# Napoli-Gattuso: no prolungamento contratto.



## Toby rosso nero (10 Agosto 2020)

Come riporta Di Marzio, nulla di fatto dopo l'incontro tra De Laurentiis e Gattuso per discutere di un eventuale prolungamento del contratto, in scadenza nel 2021.
Le parti hanno concordato assieme di rinviare ogni discorso e di non prendere una decisione definitiva. L'intenzione comune è non essere vincolati da accordi lunghi.


----------



## Zenos (10 Agosto 2020)

Veleno non mangia il panettone.


----------



## Raryof (10 Agosto 2020)

Voleva essere sicuro visto che dall'alto del suo essere ormai un grande allenatore non piglia mai contratti più lunghi di 6 mesi-1 anno.
Segno che gli si vuole bene ma non è cosa, Gennà... ora punta alla panchina della Juve così hai fatto il percorso definitivo!


----------



## corvorossonero (10 Agosto 2020)

Ma come il miracolo napoletano Gattuso non rinnova? Ma allora è un ingrato delaurentis . Oppure teme che potrà fallire? Chi lo sa.


----------



## Roten1896 (10 Agosto 2020)

Scelta giustissima per entrambe le parti. 
Il Napoli è giusto che non abbia fretta di prolungare e Rino non è uomo da marciare sopra un eventuale rinnovo per intascare soldi da un esonero.


----------



## sipno (10 Agosto 2020)

Porcaccia Eva... Il cinepanettonaro si è accorto


----------



## willcoyote85 (10 Agosto 2020)

mi è dato un colpo, avevo capito per la prossima stagione...
sarebbe stata una disgrazia per le rivali del napoli.


----------



## BossKilla7 (10 Agosto 2020)

Toby rosso nero ha scritto:


> Come riporta Di Marzio, nulla di fatto dopo l'incontro tra De Laurentiis e Gattuso per discutere di un eventuale prolungamento del contratto, in scadenza nel 2021.
> Le parti hanno concordato assieme di rinviare ogni discorso e di non prendere una decisione definitiva. L'intenzione comune è non essere vincolati da accordi lunghi.



Povero gino. Per uno strano allineamento dei pianeti quest’estate sarebbe potuto essere l’allenatore della Juve e invece ha preferito pugnalare alle spalle Ancelotti.

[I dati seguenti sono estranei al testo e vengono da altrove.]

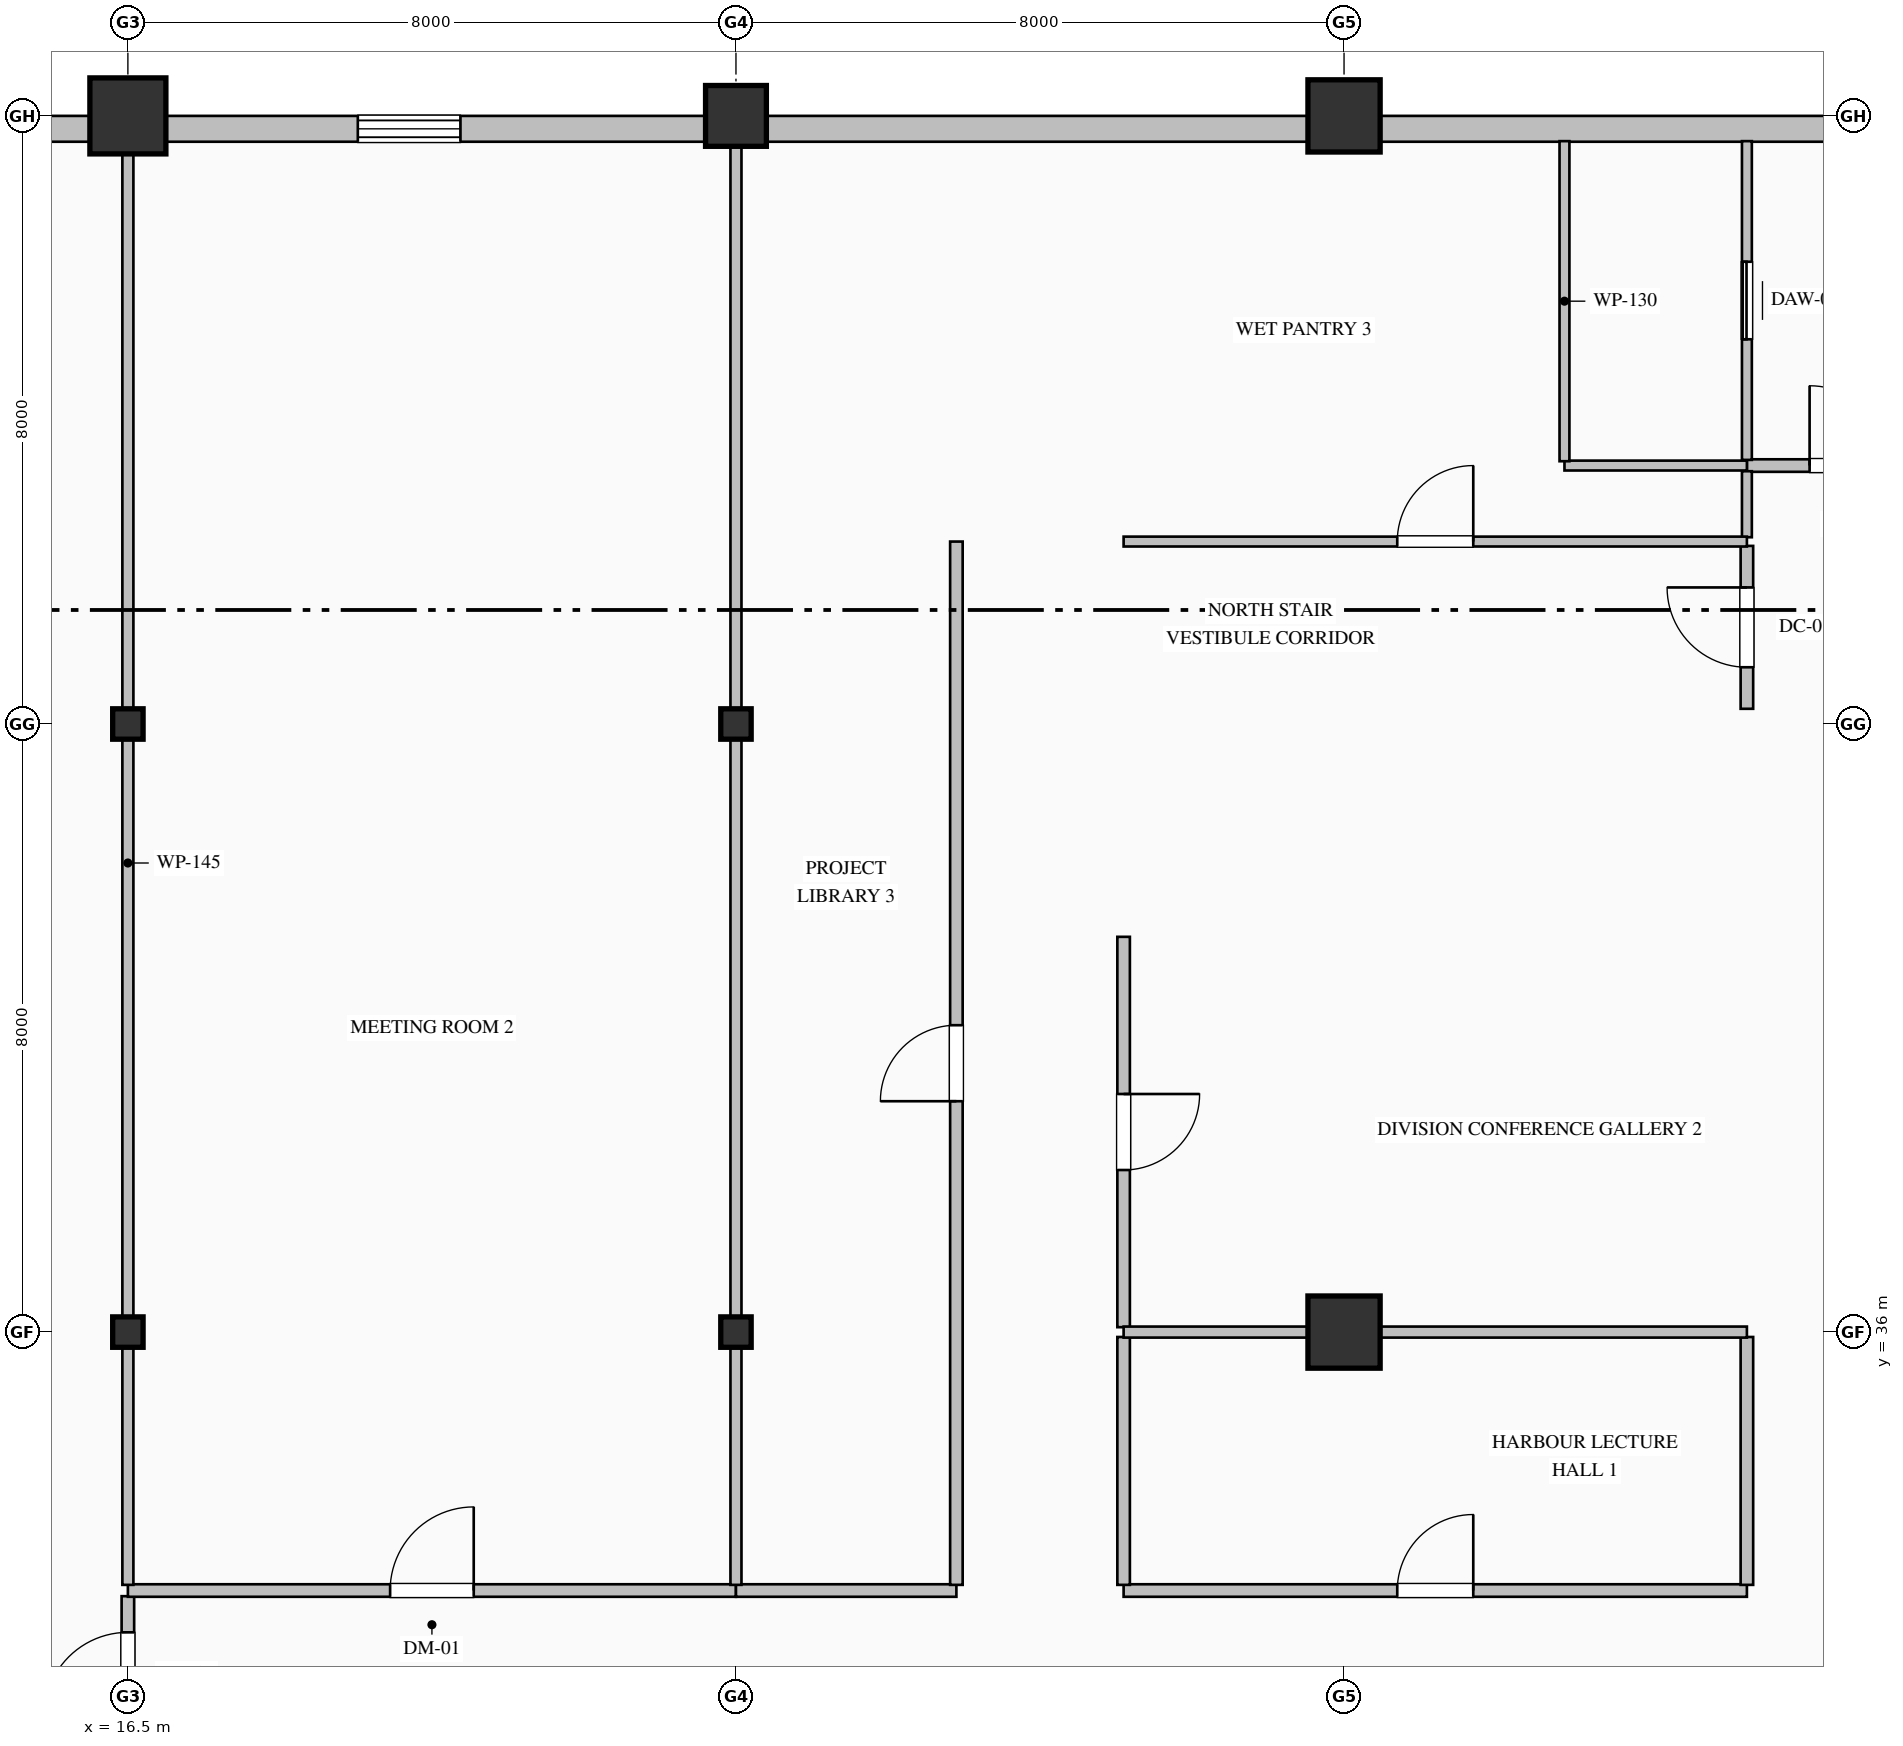
"""IFC4 building model, lengths in metres.
Left out: names, types, materials, properties, quantities, classifications, styles, units other than length and angle.
Written with IfcOpenShell. Run it as: python <this file> out.ifc"""

import sys

from ifc_helpers import new_model, si_unit, direction, frame, frame_2d, origin, origin_2d, place, context, subcontext, project, spatial, rectangle, hollow_rectangle, hollow_circle, i_section, extrude, element, fill, save


model = new_model("IFC4")
c1 = context("Model", 3, precision=1e-05, world=origin(), true_north=direction((0.0, 1.0)))
c2 = subcontext(c1, "Body", "Model", "MODEL_VIEW")
j1 = project(units=[si_unit("LENGTHUNIT", "METRE"), si_unit("PLANEANGLEUNIT", "RADIAN")], contexts=[c1])
p1 = place(None, origin())
s1 = spatial("IfcSite", under=j1, at=p1, CompositionType="ELEMENT")
p2 = place(p1, origin())
s2 = spatial("IfcBuilding", under=s1, at=p2, CompositionType="ELEMENT")
p3 = place(p2, frame((0.0, 0.0, 217.8)))
s3 = spatial("IfcBuildingStorey", under=s2, at=p3, CompositionType="ELEMENT", Elevation=217.8)
for number, where, z_axis, x_axis in (
    (1, (16.5, 36.0, 0.0), (0.0, 0.0, 1.0), (1.0, 0.0, 0.0)),
    (2, (16.5, 44.0, 0.0), (0.0, 0.0, 1.0), (1.0, 0.0, 0.0)),
):
    element("IfcColumn", number, at=place(p3, frame(where, z_axis=z_axis, x_axis=x_axis)), inside=s3, PredefinedType="COLUMN", context=c2, shape_type="SweptSolid", body=[
        extrude(i_section(OverallWidth=0.4, OverallDepth=0.4, WebThickness=0.013, FlangeThickness=0.021, FilletRadius=0.022, at=origin_2d()), origin(), (0.0, 0.0, 1.0), 4.0),
    ])
p4 = place(p3, frame((16.5, 52.0, 0.0), z_axis=(0.0, 0.0, 1.0), x_axis=(1.0, 0.0, 0.0)))
e3 = element("IfcColumn", 3, at=p4, inside=s3, PredefinedType="COLUMN", context=c2, shape_type="SweptSolid", body=[
    extrude(hollow_circle(Radius=0.5, WallThickness=0.036, at=origin_2d()), origin(), (0.0, 0.0, 1.0), 4.0),
])
for number, where, z_axis, x_axis in (
    (4, (24.5, 36.0, 0.0), (0.0, 0.0, 1.0), (1.0, 0.0, 0.0)),
    (5, (24.5, 44.0, 0.0), (0.0, 0.0, 1.0), (1.0, 0.0, 0.0)),
):
    element("IfcColumn", number, at=place(p3, frame(where, z_axis=z_axis, x_axis=x_axis)), inside=s3, PredefinedType="COLUMN", context=c2, shape_type="SweptSolid", body=[
        extrude(i_section(OverallWidth=0.4, OverallDepth=0.4, WebThickness=0.013, FlangeThickness=0.021, FilletRadius=0.022, at=origin_2d()), origin(), (0.0, 0.0, 1.0), 4.0),
    ])
p5 = place(p3, frame((24.5, 52.0, 0.0), z_axis=(0.0, 0.0, 1.0), x_axis=(1.0, 0.0, 0.0)))
e6 = element("IfcColumn", 6, at=p5, inside=s3, PredefinedType="COLUMN", context=c2, shape_type="SweptSolid", body=[
    extrude(hollow_rectangle(XDim=0.8, YDim=0.8, WallThickness=0.032, at=origin_2d()), origin(), (0.0, 0.0, 1.0), 4.0),
])
for number, where, z_axis, x_axis in (
    (7, (32.5, 36.0, 0.0), (0.0, 0.0, 1.0), (1.0, 0.0, 0.0)),
    (8, (32.5, 52.0, 0.0), (0.0, 0.0, 1.0), (1.0, 0.0, 0.0)),
):
    element("IfcColumn", number, at=place(p3, frame(where, z_axis=z_axis, x_axis=x_axis)), inside=s3, PredefinedType="COLUMN", context=c2, shape_type="SweptSolid", body=[
        extrude(hollow_rectangle(XDim=0.95, YDim=0.95, WallThickness=0.036, at=origin_2d()), origin(), (0.0, 0.0, 1.0), 4.0),
    ])
p6 = place(p3, frame((13.0, 51.83, 0.0), z_axis=(0.0, 0.0, 1.0), x_axis=(1.0, 0.0, 0.0)))
e9 = element("IfcWall", 9, at=p6, inside=s3, PredefinedType="SOLIDWALL", context=c2, shape_type="SweptSolid", body=[
    extrude(rectangle(XDim=27.52, YDim=0.34, at=frame_2d((13.76, 0.0))), origin(), (0.0, 0.0, 1.0), 3.325),
])
p7 = place(p6, frame((6.525, 0.0, 0.9)))
e10 = element("IfcOpeningElement", 10, at=p7, cuts=e9, PredefinedType="OPENING", context=c2, shape_type="SweptSolid", body=[
    extrude(rectangle(XDim=1.35, YDim=1.85, at=frame_2d((0.675, 0.925))), frame((0.0, 0.18, 0.0), z_axis=(0.0, -1.0, 0.0), x_axis=(1.0, 0.0, 0.0)), (0.0, 0.0, 1.0), 0.36),
])
p8 = place(p3, frame((37.8, 47.4, 0.0), z_axis=(0.0, 0.0, 1.0), x_axis=(1.0, 0.0, 0.0)))
e11 = element("IfcWall", 11, at=p8, inside=s3, PredefinedType="PARTITIONING", context=c2, shape_type="SweptSolid", body=[
    extrude(rectangle(XDim=2.7, YDim=0.165, at=frame_2d((1.35, 0.0))), origin(), (0.0, 0.0, 1.0), 3.775),
])
p9 = place(p8, frame((0.825, 0.0, 0.0)))
e12 = element("IfcOpeningElement", 12, at=p9, cuts=e11, PredefinedType="OPENING", context=c2, shape_type="SweptSolid", body=[
    extrude(rectangle(XDim=1.05, YDim=2.15, at=frame_2d((0.525, 1.075))), frame((0.0, 0.093, 0.0), z_axis=(0.0, -1.0, 0.0), x_axis=(1.0, 0.0, 0.0)), (0.0, 0.0, 1.0), 0.185),
])
p10 = place(p3, frame((37.8, 44.2, 0.0), z_axis=(0.0, 0.0, 1.0), x_axis=(0.0, 1.0, 0.0)))
e13 = element("IfcWall", 13, at=p10, inside=s3, PredefinedType="PARTITIONING", context=c2, shape_type="SweptSolid", body=[
    extrude(rectangle(XDim=2.143, YDim=0.165, at=frame_2d((1.072, 0.0))), origin(), (0.0, 0.0, 1.0), 3.775),
])
p11 = place(p10, frame((0.546, 0.0, 0.0)))
e14 = element("IfcOpeningElement", 14, at=p11, cuts=e13, PredefinedType="OPENING", context=c2, shape_type="SweptSolid", body=[
    extrude(rectangle(XDim=1.05, YDim=2.15, at=frame_2d((0.525, 1.075))), frame((0.0, 0.093, 0.0), z_axis=(0.0, -1.0, 0.0), x_axis=(1.0, 0.0, 0.0)), (0.0, 0.0, 1.0), 0.185),
])
p12 = place(p3, frame((37.8, 46.457, 0.0), z_axis=(0.0, 0.0, 1.0), x_axis=(0.0, 1.0, 0.0)))
e15 = element("IfcWall", 15, at=p12, inside=s3, PredefinedType="PARTITIONING", context=c2, shape_type="SweptSolid", body=[
    extrude(rectangle(XDim=0.868, YDim=0.13, at=frame_2d((0.434, 0.0))), origin(), (0.0, 0.0, 1.0), 3.775),
])
p13 = place(p3, frame((37.8, 47.475, 0.0), z_axis=(0.0, 0.0, 1.0), x_axis=(0.0, 1.0, 0.0)))
e16 = element("IfcWall", 16, at=p13, inside=s3, PredefinedType="PARTITIONING", context=c2, shape_type="SweptSolid", body=[
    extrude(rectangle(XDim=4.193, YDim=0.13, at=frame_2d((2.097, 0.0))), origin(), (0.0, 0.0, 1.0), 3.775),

Vabbè dai se ne riparla l’anno prossimo. Veleno, leccate, strette di mano ed il gioco è fatto.


----------



## Molenko (10 Agosto 2020)

Mi aspettavo la fiera del ritardo su questo topic. Comunque, ci si risente tra qualche giorno


----------



## mabadi (11 Agosto 2020)

Veleno punta la Juve.


----------



## ThaiBoxer93 (11 Agosto 2020)

Toby rosso nero ha scritto:


> Come riporta Di Marzio, nulla di fatto dopo l'incontro tra De Laurentiis e Gattuso per discutere di un eventuale prolungamento del contratto, in scadenza nel 2021.
> Le parti hanno concordato assieme di rinviare ogni discorso e di non prendere una decisione definitiva. L'intenzione comune è non essere vincolati da accordi lunghi.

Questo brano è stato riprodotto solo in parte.